Iftikhar’s grace under fire has helped her out of such high-intensity projects. “Sometimes you come across situations when you feel like you’re drowning, but then I discover a resilience I didn’t know I had,” she says. “I am passionate about my work and love what I do. I’m just really content to be giving it my all.”

Initially both her youth and gender were a disadvantage, as she was fresh out of college when she started working as a field services engineer. At the time of the move that took her to Guddu for the first time, she was just 25 years old. She says customers would often ask, “Where is the guy who will do the job?” Iftikhar quips, “I had to say, ‘I am him! You are looking at him!’ ”

A core lesson Iftikhar has learned over the years: how to work with technicians on the ground. Up until she started doing field work, Iftikhar hadn’t interacted closely with blue-collar workers. She remembers sitting on the floor with dozens of longtime workers, all men, and teaching them how to operate various systems in power plants.

“I could tell they were thinking, ‘Oh gosh, she is so young, and she is telling us to do this,’ ” she continues, “but I learned how to break that barrier.” She does this mainly by using company-approved guidelines as cover for the protocol that she needs to be followed.

Since she is mobilized to different customer sites throughout the year, she often has to restart this process, but says things are always improving as plant personnel become more used to seeing her on the front lines. “It is also about effective communication, giving them space, being on their level and eventually making them feel that I am one of them,” Iftikhar says. “I try to understand their problems and limitations. Once you’ve helped them solve a work problem, the relationship is cemented and in turn they will always be willing to lend all kinds of help and support.”

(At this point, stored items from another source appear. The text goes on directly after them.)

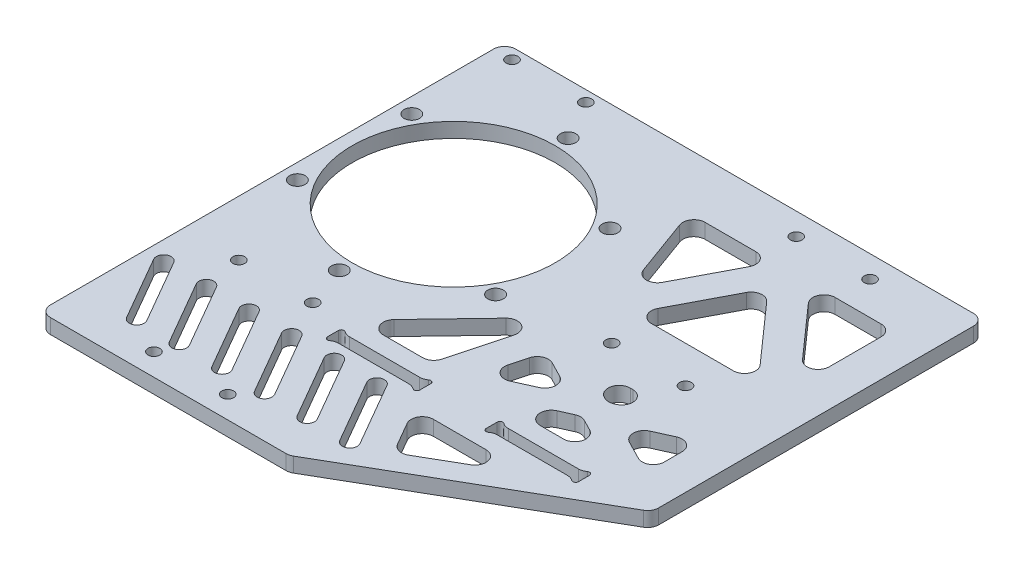
from build123d import *

# Parameters (mm, degrees)
SKETCH_1_W          = 130
SKETCH_1_H          = 90
SKETCH_1_R          = 27.5
SKETCH_1_R_2        = 2.1
SKETCH_1_R_3        = 1.6
EXTRUDE_1_DEPTH     = 4
EXTRUDE_2_DEPTH     = 4
SKETCH_3_R          = 1.6
CUT_EXTRUDE_1_DEPTH = 10
SKETCH_4_R          = 1.6
CUT_EXTRUDE_2_DEPTH = 10
CUT_EXTRUDE_3_DEPTH = 10
FILLET_1_R          = 3
CUT_EXTRUDE_4_DEPTH = 10
FILLET_2_R          = 3


with BuildPart() as part:
    # 草图1 → 凸台-拉伸1 (new body)
    with BuildSketch(Plane(origin=(0, 0, 0), x_dir=(1, 0, 0), z_dir=(0, 1, 0))):
        with Locations((65, 45)):
            Rectangle(SKETCH_1_W, SKETCH_1_H)
        with Locations(Location((31, 45.2, 0), (0, 0, 270))):
            Circle(SKETCH_1_R, mode=Mode.SUBTRACT)
        with Locations(Location((31, 76.2, 0), (0, 0, 270))):
            Circle(SKETCH_1_R_2, mode=Mode.SUBTRACT)
        with Locations(Location((57.846787517, 60.7, 0), (0, 0, 270))):
            Circle(SKETCH_1_R_2, mode=Mode.SUBTRACT)
        with Locations(Location((57.846787517, 29.7, 0), (0, 0, 270))):
            Circle(SKETCH_1_R_2, mode=Mode.SUBTRACT)
        with Locations(Location((31, 14.2, 0), (0, 0, 270))):
            Circle(SKETCH_1_R_2, mode=Mode.SUBTRACT)
        with Locations(Location((4.153212483, 29.7, 0), (0, 0, 270))):
            Circle(SKETCH_1_R_2, mode=Mode.SUBTRACT)
        with Locations(Location((4.153212483, 60.7, 0), (0, 0, 270))):
            Circle(SKETCH_1_R_2, mode=Mode.SUBTRACT)
        with Locations(Location((15, 3, 0), (0, 0, 270))):
            Circle(SKETCH_1_R_3, mode=Mode.SUBTRACT)
        with Locations(Location((35, 3, 0), (0, 0, 270))):
            Circle(SKETCH_1_R_3, mode=Mode.SUBTRACT)
    extrude(amount=EXTRUDE_1_DEPTH)

    # 草图2 → 凸台-拉伸2 (add)
    with BuildSketch(Plane(origin=(0, 4, 0), x_dir=(1, 0, 0), z_dir=(0, 1, 0))):
        Polygon((130, 0), (67.646170928, -36), (0, -36), (0, 0), align=None)
    extrude(amount=-EXTRUDE_2_DEPTH)

    # 草图3 → 切除-拉伸1 (cut)
    with BuildSketch(Plane(origin=(0, 4, 0), x_dir=(1, 0, 0), z_dir=(0, 1, 0))):
        with Locations(Location((25, -30, 0), (0, 0, 270))):
            Circle(SKETCH_3_R)
        with Locations(Location((45, -30, 0), (0, 0, 270))):
            Circle(SKETCH_3_R)
    extrude(amount=-CUT_EXTRUDE_1_DEPTH, mode=Mode.SUBTRACT)

    # 草图4 → 切除-拉伸2 (cut)
    with BuildSketch(Plane(origin=(0, 4, 0), x_dir=(1, 0, 0), z_dir=(0, 1, 0))):
        with Locations(Location((85, 84, 0), (0, 0, 270))):
            Circle(SKETCH_4_R)
        with Locations(Location((105, 84, 0), (0, 0, 270))):
            Circle(SKETCH_4_R)
        with Locations(Location((85, 34, 0), (0, 0, 270))):
            Circle(SKETCH_4_R)
        with Locations(Location((105, 34, 0), (0, 0, 270))):
            Circle(SKETCH_4_R)
        with Locations(Location((5, 87, 0), (0, 0, 270))):
            Circle(SKETCH_4_R)
        with Locations(Location((25, 87, 0), (0, 0, 270))):
            Circle(SKETCH_4_R)
    extrude(amount=-CUT_EXTRUDE_2_DEPTH, mode=Mode.SUBTRACT)

    # 草图2<3> → 切除-拉伸3 (cut)
    with BuildSketch(Plane(origin=(0, 4, 0), x_dir=(1, 0, 0), z_dir=(0, 1, 0))):
        with BuildLine():
            Line((46.5, 0), (45, 0))
            Line((45, 0), (45, -3))
            ThreePointArc((45, -3), (45.75, -3.75), (46.5, -3))
            Line((46.5, -3), (68.5, -3))
            ThreePointArc((68.5, -3), (69.25, -3.75), (70, -3))
            Line((70, -3), (70, 0))
            Line((70, 0), (68.5, 0))
            Line((68.5, 0), (46.5, 0))
        make_face()
        with BuildLine():
            Line((113, -3), (113, 0))
            Line((113, 0), (111.5, 0))
            Line((111.5, 0), (89.5, 0))
            Line((89.5, 0), (88, 0))
            Line((88, 0), (88, -3))
            ThreePointArc((88, -3), (88.75, -3.75), (89.5, -3))
            Line((89.5, -3), (111.5, -3))
            ThreePointArc((111.5, -3), (112.25, -3.75), (113, -3))
        make_face()
        with BuildLine():
            ThreePointArc((46.5, 0), (45.75, 0.75), (45, 0))
            Line((45, 0), (46.5, 0))
        make_face()
        with BuildLine():
            Line((68.5, 0), (70, 0))
            ThreePointArc((70, 0), (69.25, 0.75), (68.5, 0))
        make_face()
        with BuildLine():
            Line((88, 0), (89.5, 0))
            ThreePointArc((89.5, 0), (88.75, 0.75), (88, 0))
        make_face()
        with BuildLine():
            Line((111.5, 0), (113, 0))
            ThreePointArc((113, 0), (112.25, 0.75), (111.5, 0))
        make_face()
    extrude(amount=-CUT_EXTRUDE_3_DEPTH, mode=Mode.SUBTRACT)

    # 圆角1
    fillet_1_edges = [part.edges().sort_by_distance(p)[0] for p in [
        (67.646170928, 2, 36),
        (0, 2, 36),
        (0, 2, -90),
        (130, 2, -90),
        (130, 2, 0),
    ]]
    fillet(fillet_1_edges, radius=FILLET_1_R)

    # 草图5 → 切除-拉伸4 (cut)
    with BuildSketch(Plane(origin=(0, 4, 0), x_dir=(1, 0, 0), z_dir=(0, 1, 0))):
        with BuildLine():
            Line((6.732050808, -6.339745962), (16.732050808, -23.660254038))
            ThreePointArc((16.732050808, -23.660254038), (16, -26.392304845), (13.267949192, -25.660254038))
            Line((13.267949192, -25.660254038), (3.267949192, -8.339745962))
            ThreePointArc((3.267949192, -8.339745962), (4, -5.607695155), (6.732050808, -6.339745962))
        make_face()
        with BuildLine():
            Line((18.279056191, -6.339745962), (28.279056191, -23.660254038))
            ThreePointArc((28.279056191, -23.660254038), (27.547005384, -26.392304845), (24.814954576, -25.660254038))
            Line((24.814954576, -25.660254038), (14.814954576, -8.339745962))
            ThreePointArc((14.814954576, -8.339745962), (15.547005384, -5.607695155), (18.279056191, -6.339745962))
        make_face()
        with BuildLine():
            Line((29.826061575, -6.339745962), (39.826061575, -23.660254038))
            ThreePointArc((39.826061575, -23.660254038), (39.094010768, -26.392304845), (36.36195996, -25.660254038))
            Line((36.36195996, -25.660254038), (26.36195996, -8.339745962))
            ThreePointArc((26.36195996, -8.339745962), (27.094010768, -5.607695155), (29.826061575, -6.339745962))
        make_face()
        with BuildLine():
            Line((41.373066959, -6.339745962), (51.373066959, -23.660254038))
            ThreePointArc((51.373066959, -23.660254038), (50.641016151, -26.392304845), (47.908965344, -25.660254038))
            Line((47.908965344, -25.660254038), (37.908965344, -8.339745962))
            ThreePointArc((37.908965344, -8.339745962), (38.641016151, -5.607695155), (41.373066959, -6.339745962))
        make_face()
        with BuildLine():
            Line((52.920072343, -6.339745962), (62.920072343, -23.660254038))
            ThreePointArc((62.920072343, -23.660254038), (62.188021535, -26.392304845), (59.455970728, -25.660254038))
            Line((59.455970728, -25.660254038), (49.455970728, -8.339745962))
            ThreePointArc((49.455970728, -8.339745962), (50.188021535, -5.607695155), (52.920072343, -6.339745962))
        make_face()
        with BuildLine():
            Line((64.467077727, -6.339745962), (74.467077727, -23.660254038))
            ThreePointArc((74.467077727, -23.660254038), (73.735026919, -26.392304845), (71.002976111, -25.660254038))
            Line((71.002976111, -25.660254038), (61.002976111, -8.339745962))
            ThreePointArc((61.002976111, -8.339745962), (61.735026919, -5.607695155), (64.467077727, -6.339745962))
        make_face()
        Polygon((73.508529611, -8), (81.167295593, -21.265371804), (104.143593539, -8), align=None)
        Polygon((65, 75), (74.430902982, 49.088807011), (87.985735716, 75), align=None)
        Polygon((80.797341547, 44), (114.652939968, 44), (93.356176649, 68.007260469), align=None)
        Polygon((120, 50.027594945), (120, 75), (97.847060032, 75), align=None)
        Polygon((72.888107353, 34), (45.117580773, 5), (65.117580773, 5), align=None)
        Polygon((80.701704351, 5), (113.42265886, 5), (98.11340514, 12.846439281), align=None)
        Polygon((74.402575084, 8.742444076), (78.232515284, 23.035975491), (91.280667048, 16.348416944), align=None)
        Polygon((85.604064397, 26), (112.698085865, 26), (98.280627632, 19.502891419), align=None)
        Polygon((120, 8.371079272), (120, 22.709452649), (105.113365724, 16.000913756), align=None)
    extrude(amount=-CUT_EXTRUDE_4_DEPTH, mode=Mode.SUBTRACT)

    # 圆角2
    fillet_2_edges = [part.edges().sort_by_distance(p)[0] for p in [
        (68.5, 2, 3),
        (46.5, 2, 3),
        (46.5, 2, 0),
        (68.5, 2, 0),
        (111.5, 2, 3),
        (89.5, 2, 3),
        (89.5, 2, 0),
        (111.5, 2, 0),
        (65, 2, -75),
        (87.985735716, 2, -75),
        (74.430902982, 2, -49.088807011),
        (97.847060032, 2, -75),
        (120, 2, -75),
        (120, 2, -50.027594945),
        (73.508529611, 2, 8),
        (104.143593539, 2, 8),
        (81.167295593, 2, 21.265371804),
        (112.698085865, 2, -26),
        (98.280627632, 2, -19.502891419),
        (85.604064397, 2, -26),
        (78.232515284, 2, -23.035975491),
        (91.280667048, 2, -16.348416944),
        (74.402575084, 2, -8.742444076),
        (80.797341547, 2, -44),
        (93.356176649, 2, -68.007260469),
        (114.652939968, 2, -44),
        (72.888107353, 2, -34),
        (65.117580773, 2, -5),
        (45.117580773, 2, -5),
        (120, 2, -8.371079272),
        (105.113365724, 2, -16.000913756),
        (120, 2, -22.709452649),
        (98.11340514, 2, -12.846439281),
        (113.42265886, 2, -5),
        (80.701704351, 2, -5),
    ]]
    fillet(fillet_2_edges, radius=FILLET_2_R)


solid = part.part

Iftikhar’s dream is to see a much bigger talent pool of female field engineers in Pakistan. To help realize this vision, she volunteers at the Citizens Foundation, where she mentors underprivileged girls. The experience was an awakening. “Some of them were girls who used to work as maids after coming home from school,” she says. “My parents gave me everything. I didn’t have to struggle to pay my school fees or anything like that.” Iftikhar realized the girls she mentors don’t just have to overcome the gender divide — they also have to wrestle with one presented by class. She was saddened to see the girls’ struggles up close: Their ability at math alone was not enough. They lacked the ecosystem to make it beyond a prescribed path.

But Iftikhar hopes that just seeing her as a field engineer might light a spark in the girls — much like Jodie Foster did for Iftikhar when she was a young girl.